Hi, Jessie, I was diagnosed Type 1 in June 2007 and my honeymoon is now over. It lasted till early 2008. Many months is usual and up to a year quite common with longer a possibilty. You can ask for a test for C-Peptides which are byproducts of your own insulin but not of any you inject. If they're there, you are honeymooning still. My result showed negative.
Are you carb counting your meals? Novorapid is for meal carbs as you obviously know. Pasta, bread, spuds etc load in the carbs - more than veggies do. You mustn't just shoot units of Rapid without matching them to the carbs you're eating. The result could be high, low, anything. Presumable you realise that restricting your carb intake is good sense? The standard advice dished out to diabetics implies that you can eat what you like, carb rich or not, provided you match the carbs with Novorapid. Some people can, but most get much better control by keeping carbs to under 100 grams a day. That means cutting out or right down on, bread, pasta, potatoes and sweet things like cake, biscuits etc and also even on quite a lot of fruit.
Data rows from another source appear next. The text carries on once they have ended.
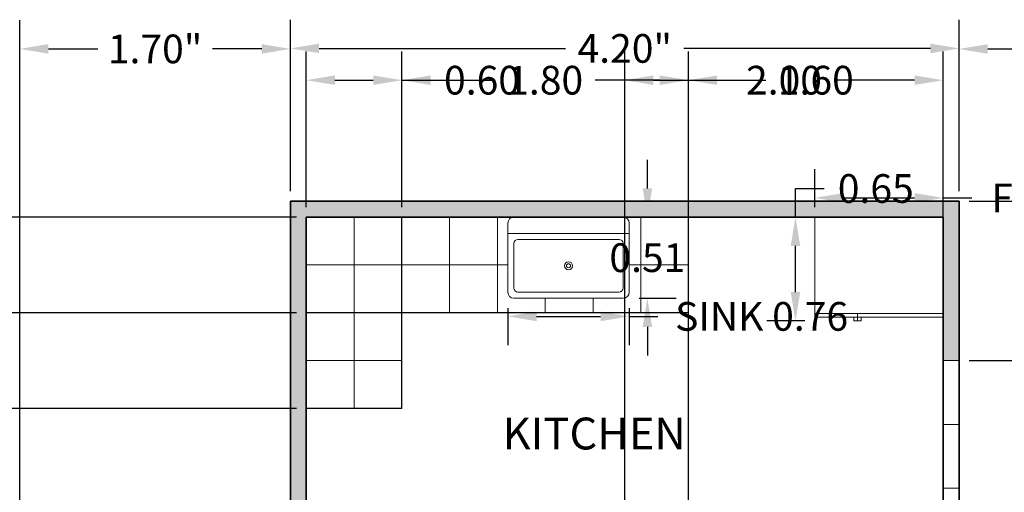
# Model space of a CAD drawing. Units: metres. Extents: x -1.9 to 13.1, y 0.9 to 14.8.
# Tile 6 of 7: x 1.2 to 7.4, y 11.9 to 14.8. Entities that reach past the tile are written whole.
import ezdxf

# ---------------------------------------------------------------- set-up
doc = ezdxf.new("R2010")
doc.units = ezdxf.units.M
doc.header["$MEASUREMENT"] = 0
for name, color, linetype, lineweight in [('A-ANNO-DIMS', 2, 'Continuous', 13), ('A-AREA-IDEN', 7, 'Continuous', 25), ('A-EQPM', 8, 'Continuous', 18), ('A-FLOR-CASE', 8, 'Continuous', 25), ('A-FLOR-FIXT', 8, 'Continuous', 18), ('A-FLOR-PATT', 9, 'Continuous', 13), ('A-GLAZ', 4, 'Continuous', 18), ('A-WALL', 7, 'Continuous', 35), ('A-WALL-PATT', 252, 'Continuous', 13)]:
    doc.layers.add(name, color=color, linetype=linetype, lineweight=lineweight)
doc.styles.get("Standard").update_dxf_attribs({"font": 'arial.ttf'})
doc.dimstyles.get("Standard").update_dxf_attribs({"dimtxt": 0.18, "dimasz": 0.18, "dimexe": 0.18, "dimexo": 0.0625, "dimgap": 0.09, "dimtad": 0, "dimtih": 1, "dimtoh": 1, "dimzin": 0, "dimdsep": 46, "dimlunit": 3, "dimtxsty": 'Standard', "dimcen": 0.09, "dimadec": 0, "dimazin": 0, "dimtfac": 1, "dimtofl": 0, "dimtmove": 0, "dimatfit": 3, "dimfxl": 1, "dimtolj": 1, "dimtzin": 0, "dimarcsym": 0})

# ---------------------------------------------------------------- blocks, each defined once
blk = doc.blocks.new('Refrigerator-2 door - 36 in top')
for p, q in [((0, -26.999999), (36, -26.999999)), ((12, -26.999999), (12, -28.999999)), ((11, -27.999999), (11, -28.999999)), ((11, -28.999999), (13, -28.999999)), ((13, -28.999999), (13, -27.999999))]:
    blk.add_line(p, q)
blk.add_lwpolyline([(0, -27.999999), (0, 0), (36, 0), (36, -27.999999)], close=True)
blk = doc.blocks.new('Sink-single - 30 in top')
blk.add_line((-15, -3.999996), (15, -3.999996))
for points in [[(-13.5, 0), (13.5, 0)], [(-15, -18.499996), (-15, -1.5)], [(15, -1.5), (15, -18.499996)], [(-13.5, -17.499996), (-13.5, -6.499996)], [(-12.5, -5.499996), (12.5, -5.499996)], [(13.5, -6.499996), (13.5, -17.499996)], [(12.5, -18.499996), (-12.5, -18.499996)], [(13.5, -19.999996), (-13.5, -19.999996)]]:
    blk.add_lwpolyline(points)
for radius in [1, 0.5]:
    blk.add_circle((0, -11.999996), radius)
for centre, radius, start, end in [((-13.5, -1.5), 1.5, 90, 180), ((13.5, -1.5), 1.5, 0, 90), ((-12.5, -6.499996), 1, 90, 180), ((12.5, -6.499996), 1, 0, 90), ((-13.5, -18.499996), 1.5, 180, 270), ((-12.5, -17.499996), 1, 180, 270), ((12.5, -17.499996), 1, 270, 0), ((13.5, -18.499996), 1.5, 270, 0)]:
    blk.add_arc(centre, radius, start, end)
blk = doc.blocks.new('*D13')
at = {"layer": 'A-ANNO-DIMS', "color": 0, "lineweight": -2, "transparency": 16777216}
for p, q in [((7.1663, 13.6964), (12.9272, 13.6964)), ((12.7472, 13.5164), (12.7472, 8.3783)), ((12.7472, 2.8764), (12.7472, 8.0145)), ((10.2663, 2.6964), (12.9272, 2.6964))]:
    blk.add_line(p, q, dxfattribs=at)
at = {"layer": 'A-ANNO-DIMS', "color": 0, "transparency": 16777216}
for points in [[(12.7172, 13.5164), (12.7772, 13.5164), (12.7472, 13.6964)], [(12.7172, 2.8764), (12.7772, 2.8764), (12.7472, 2.6964)]]:
    blk.add_solid(points, dxfattribs=at)
at = {"layer": 'Defpoints', "color": 0, "transparency": 16777216}
for p in [(7.1038, 13.6964), (12.7472, 13.6964), (10.2038, 2.6964)]:
    blk.add_point(p, dxfattribs=at)
at = {"layer": 'A-ANNO-DIMS', "color": 0, "transparency": 16777216, "insert": (12.7472, 8.1964), "char_height": 0.18, "attachment_point": 5}
blk.add_mtext('\\A1;11.00"', dxfattribs=at)
blk = doc.blocks.new('*D16')
at = {"layer": 'A-ANNO-DIMS', "color": 0, "lineweight": -2, "transparency": 16777216}
for p, q in [((7.1663, 13.6964), (11.6482, 13.6964)), ((11.4682, 13.5164), (11.4682, 12.3283)), ((11.4682, 10.7764), (11.4682, 11.9644)), ((7.1663, 10.5964), (11.6482, 10.5964))]:
    blk.add_line(p, q, dxfattribs=at)
at = {"layer": 'A-ANNO-DIMS', "color": 0, "transparency": 16777216}
for points in [[(11.4382, 13.5164), (11.4982, 13.5164), (11.4682, 13.6964)], [(11.4382, 10.7764), (11.4982, 10.7764), (11.4682, 10.5964)]]:
    blk.add_solid(points, dxfattribs=at)
at = {"layer": 'Defpoints', "color": 0, "transparency": 16777216}
for p in [(7.1038, 13.6964), (11.4682, 13.6964), (7.1038, 10.5964)]:
    blk.add_point(p, dxfattribs=at)
at = {"layer": 'A-ANNO-DIMS', "color": 0, "transparency": 16777216, "insert": (11.4682, 12.1464), "char_height": 0.18, "attachment_point": 5}
blk.add_mtext('\\A1;3.10"', dxfattribs=at)
blk = doc.blocks.new('*D17')
at = {"layer": 'A-ANNO-DIMS', "color": 0, "lineweight": -2, "transparency": 16777216}
for p, q in [((7.1038, 13.7589), (7.1038, 14.8315)), ((10.2038, 10.6589), (10.2038, 14.8315)), ((7.2838, 14.6515), (8.2857, 14.6515)), ((10.0238, 14.6515), (9.022, 14.6515))]:
    blk.add_line(p, q, dxfattribs=at)
at = {"layer": 'A-ANNO-DIMS', "color": 0, "transparency": 16777216}
for points in [[(7.2838, 14.6815), (7.2838, 14.6215), (7.1038, 14.6515)], [(10.0238, 14.6815), (10.0238, 14.6215), (10.2038, 14.6515)]]:
    blk.add_solid(points, dxfattribs=at)
at = {"layer": 'Defpoints', "color": 0, "transparency": 16777216}
for p in [(7.1038, 14.6515), (7.1038, 13.6964), (10.2038, 10.5964)]:
    blk.add_point(p, dxfattribs=at)
at = {"layer": 'A-ANNO-DIMS', "color": 0, "transparency": 16777216, "insert": (8.6538, 14.6515), "char_height": 0.18, "attachment_point": 5}
blk.add_mtext('\\A1;3.10"', dxfattribs=at)
blk = doc.blocks.new('*D18')
at = {"layer": 'A-ANNO-DIMS', "color": 0, "lineweight": -2, "transparency": 16777216}
for p, q in [((2.9038, 13.7589), (2.9038, 14.8352)), ((7.1038, 13.7589), (7.1038, 14.8352)), ((3.0838, 14.6552), (4.632, 14.6552)), ((6.9238, 14.6552), (5.3757, 14.6552))]:
    blk.add_line(p, q, dxfattribs=at)
at = {"layer": 'A-ANNO-DIMS', "color": 0, "transparency": 16777216}
for points in [[(3.0838, 14.6852), (3.0838, 14.6252), (2.9038, 14.6552)], [(6.9238, 14.6852), (6.9238, 14.6252), (7.1038, 14.6552)]]:
    blk.add_solid(points, dxfattribs=at)
at = {"layer": 'Defpoints', "color": 0, "transparency": 16777216}
for p in [(2.9038, 14.6552), (2.9038, 13.6964), (7.1038, 13.6964)]:
    blk.add_point(p, dxfattribs=at)
at = {"layer": 'A-ANNO-DIMS', "color": 0, "transparency": 16777216, "insert": (5.0038, 14.6552), "char_height": 0.18, "attachment_point": 5}
blk.add_mtext('\\A1;4.20"', dxfattribs=at)
blk = doc.blocks.new('*D19')
at = {"layer": 'A-ANNO-DIMS', "color": 0, "lineweight": -2, "transparency": 16777216}
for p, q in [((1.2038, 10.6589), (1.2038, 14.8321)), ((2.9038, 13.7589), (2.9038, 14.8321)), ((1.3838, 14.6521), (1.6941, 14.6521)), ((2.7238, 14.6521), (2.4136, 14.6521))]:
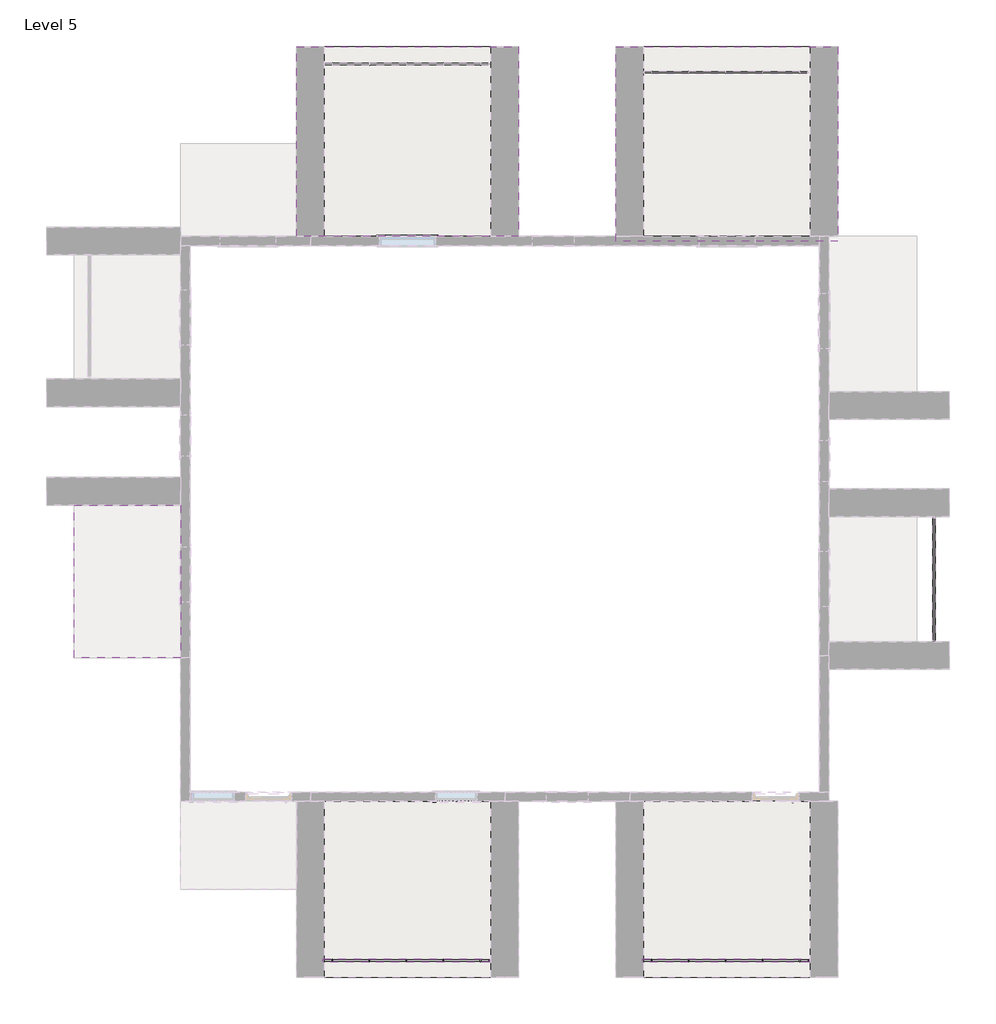
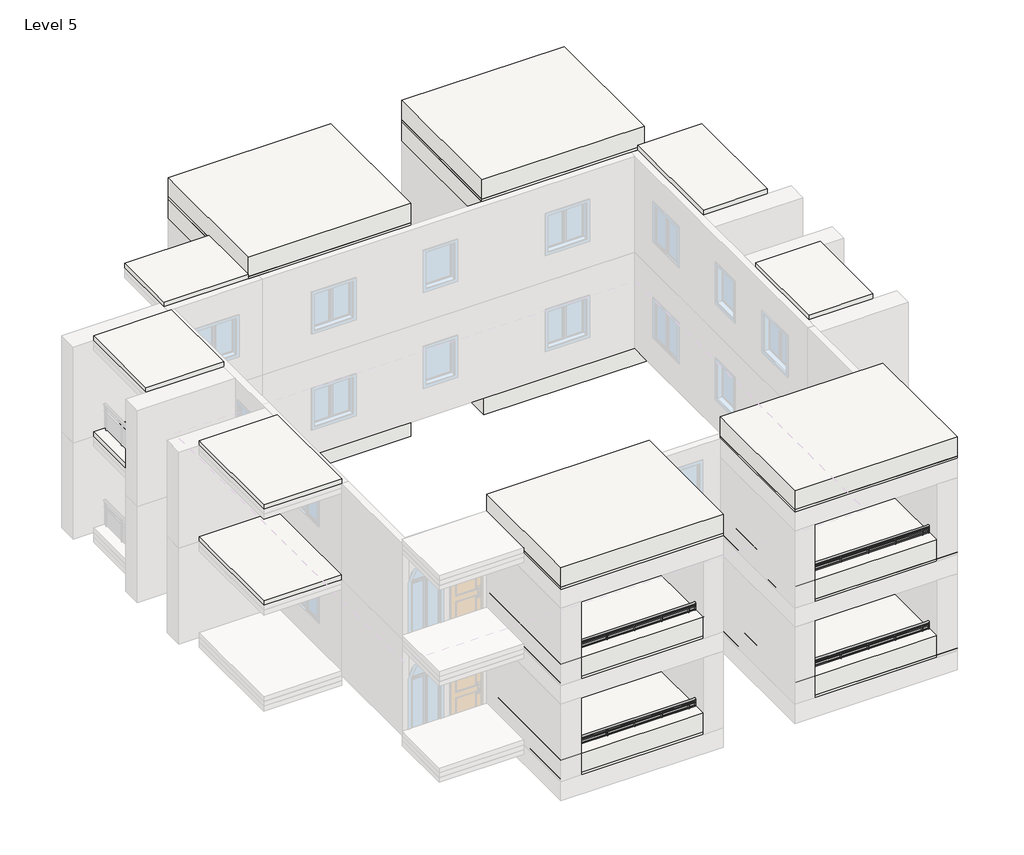
# One storey, part 3 of 4: 14 slabs, 5 railings.
"""IFC4 building model written with IfcOpenShell, lengths in millimetres."""

from ifc_helpers import new_model, si_unit, point, frame, origin, place, context, project, spatial, polyline, ellipse_curve, trimmed, outline, extrude, element, save
from ifc_brep_helpers import plane_surface, extruded_surface, advanced_brep

model = new_model("IFC4")

# Units and contexts
model_context = context("Model", 3, world=origin())
ifc_project = project(units=[si_unit("LENGTHUNIT", "METRE", prefix="MILLI")], contexts=[model_context])

# Site, building, storey
site = spatial("IfcSite", under=ifc_project)
building = spatial("IfcBuilding", under=site)
storey = spatial("IfcBuildingStorey", under=building, Name="Level 5", Elevation=12192.0)

# Railings
placement = place(None, origin())
element("IfcRailing", 1, ObjectType="Glass Panel - Bottom Fill", at=placement, inside=storey, context=model_context, shape_type="SolidModel", body=[
    advanced_brep(
    [(-9258.4937431, -9324.2034265, 13411.2), (-9258.4937431, -9400.4034265, 13411.2), (-5600.8937431, -9324.2034265, 13411.2), (-5600.8937431, -9400.4034265, 13411.2)],
    [
        (0, 1, ellipse_curve(frame((-9258.4937431, -9362.3034265, 13411.2), z_axis=(-1.0, 0.0, 0.0), x_axis=(0.0, -1.0, 0.0)), 38.1, 28.575)),
        (1, 0, ellipse_curve(frame((-9258.4937431, -9362.3034265, 13411.2), z_axis=(-1.0, 0.0, 0.0), x_axis=(0.0, -1.0, 0.0)), 38.1, 28.575)),
        (2, 3, ellipse_curve(frame((-5600.8937431, -9362.3034265, 13411.2), z_axis=(1.0, 0.0, 0.0), x_axis=(0.0, -1.0, 0.0)), 38.1, 28.575)),
        (3, 2, ellipse_curve(frame((-5600.8937431, -9362.3034265, 13411.2), z_axis=(1.0, 0.0, 0.0), x_axis=(0.0, -1.0, 0.0)), 38.1, 28.575)),
        (0, 2),
        (3, 1),
    ],
    [
        plane_surface(frame((-9258.4937431, -9362.3034265, 13411.2), z_axis=(-1.0, 0.0, 0.0), x_axis=(0.0, 1.0, 0.0))),
        plane_surface(frame((-5600.8937431, -9362.3034265, 13411.2), z_axis=(1.0, 0.0, 0.0), x_axis=(0.0, 1.0, 0.0))),
        extruded_surface(trimmed(ellipse_curve(frame((-5600.8937431, -9362.3034265, 13411.2), z_axis=(-1.0, 0.0, 0.0), x_axis=(0.0, -1.0, 0.0)), 38.1, 28.575), [point((-5600.8937431, -9324.2034265, 13411.2))], [point((-5600.8937431, -9400.4034265, 13411.2))], True, "CARTESIAN"), (-3657.5999999999995, 0.0, 0.0), 3657.5999999999995),
        extruded_surface(trimmed(ellipse_curve(frame((-5600.8937431, -9362.3034265, 13411.2), z_axis=(-1.0, 0.0, 0.0), x_axis=(0.0, -1.0, 0.0)), 38.1, 28.575), [point((-5600.8937431, -9400.4034265, 13411.2))], [point((-5600.8937431, -9324.2034265, 13411.2))], True, "CARTESIAN"), (-3657.5999999999995, 0.0, 0.0), 3657.5999999999995),
    ],
    [
        (0, [[1, 2]]),
        (1, [[3, 4]]),
        (2, [[-1, 5, -4, 6]]),
        (3, [[-2, -6, -3, -5]]),
    ],
),
    extrude(outline(polyline([(-9258.4937431, -9375.0034265), (-9258.4937431, -9349.6034265), (-5600.8937431, -9349.6034265), (-5600.8937431, -9375.0034265), (-9258.4937431, -9375.0034265)])), frame((0.0, 0.0, 13296.9), z_axis=(0.0, 0.0, 1.0), x_axis=(1.0, 0.0, 0.0)), (0.0, 0.0, 1.0), 25.4),
    extrude(outline(polyline([(-9258.4937431, -9375.0034265), (-9258.4937431, -9349.6034265), (-5600.8937431, -9349.6034265), (-5600.8937431, -9375.0034265), (-9258.4937431, -9375.0034265)])), frame((0.0, 0.0, 13195.3), z_axis=(0.0, 0.0, 1.0), x_axis=(1.0, 0.0, 0.0)), (0.0, 0.0, 1.0), 25.4),
    extrude(outline(polyline([(-5810.4437431, -9387.7034265), (-5810.4437431, -9336.9034265), (-5797.7437431, -9336.9034265), (-5797.7437431, -9387.7034265), (-5810.4437431, -9387.7034265)])), frame((0.0, 0.0, 12496.8), z_axis=(0.0, 0.0, 1.0), x_axis=(1.0, 0.0, 0.0)), (0.0, 0.0, 1.0), 885.6788223),
    extrude(outline(polyline([(-6616.8937431, -9355.7682695), (-5804.0937431, -9355.7682695), (-5804.0937431, -9362.1182695), (-6616.8937431, -9362.1182695), (-6616.8937431, -9355.7682695)])), frame((0.0, 0.0, 12598.4), z_axis=(0.0, 0.0, 1.0), x_axis=(1.0, 0.0, 0.0)), (0.0, 0.0, 1.0), 596.9),
    extrude(outline(polyline([(-6623.2437431, -9387.7034265), (-6623.2437431, -9336.9034265), (-6610.5437431, -9336.9034265), (-6610.5437431, -9387.7034265), (-6623.2437431, -9387.7034265)])), frame((0.0, 0.0, 12496.8), z_axis=(0.0, 0.0, 1.0), x_axis=(1.0, 0.0, 0.0)), (0.0, 0.0, 1.0), 885.6788223),
    extrude(outline(polyline([(-7429.6937431, -9355.7682695), (-6616.8937431, -9355.7682695), (-6616.8937431, -9362.1182695), (-7429.6937431, -9362.1182695), (-7429.6937431, -9355.7682695)])), frame((0.0, 0.0, 12598.4), z_axis=(0.0, 0.0, 1.0), x_axis=(1.0, 0.0, 0.0)), (0.0, 0.0, 1.0), 596.9),
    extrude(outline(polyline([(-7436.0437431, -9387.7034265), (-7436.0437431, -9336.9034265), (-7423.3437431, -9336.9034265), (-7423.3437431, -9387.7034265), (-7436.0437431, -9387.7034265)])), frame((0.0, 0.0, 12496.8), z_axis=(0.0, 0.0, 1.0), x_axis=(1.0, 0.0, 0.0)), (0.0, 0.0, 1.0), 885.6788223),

Bananas are very carb rich for example. A bit of Googling will soon tell you what's what.
There's a really good book on daily management of diabetes. It has helped me enormously and it's only about £6 from Amazon. 'Using Insulin' by Walsh and Roberts. Other forum posters speak highly of it also. You'll soon find you know enough to match the nurses! It tells you how to check that your basal doses are correct. That's particularly important to avoid overnight hypos. NB No-one in the NHS has ever said that to me and I found out for myself thanks to the book.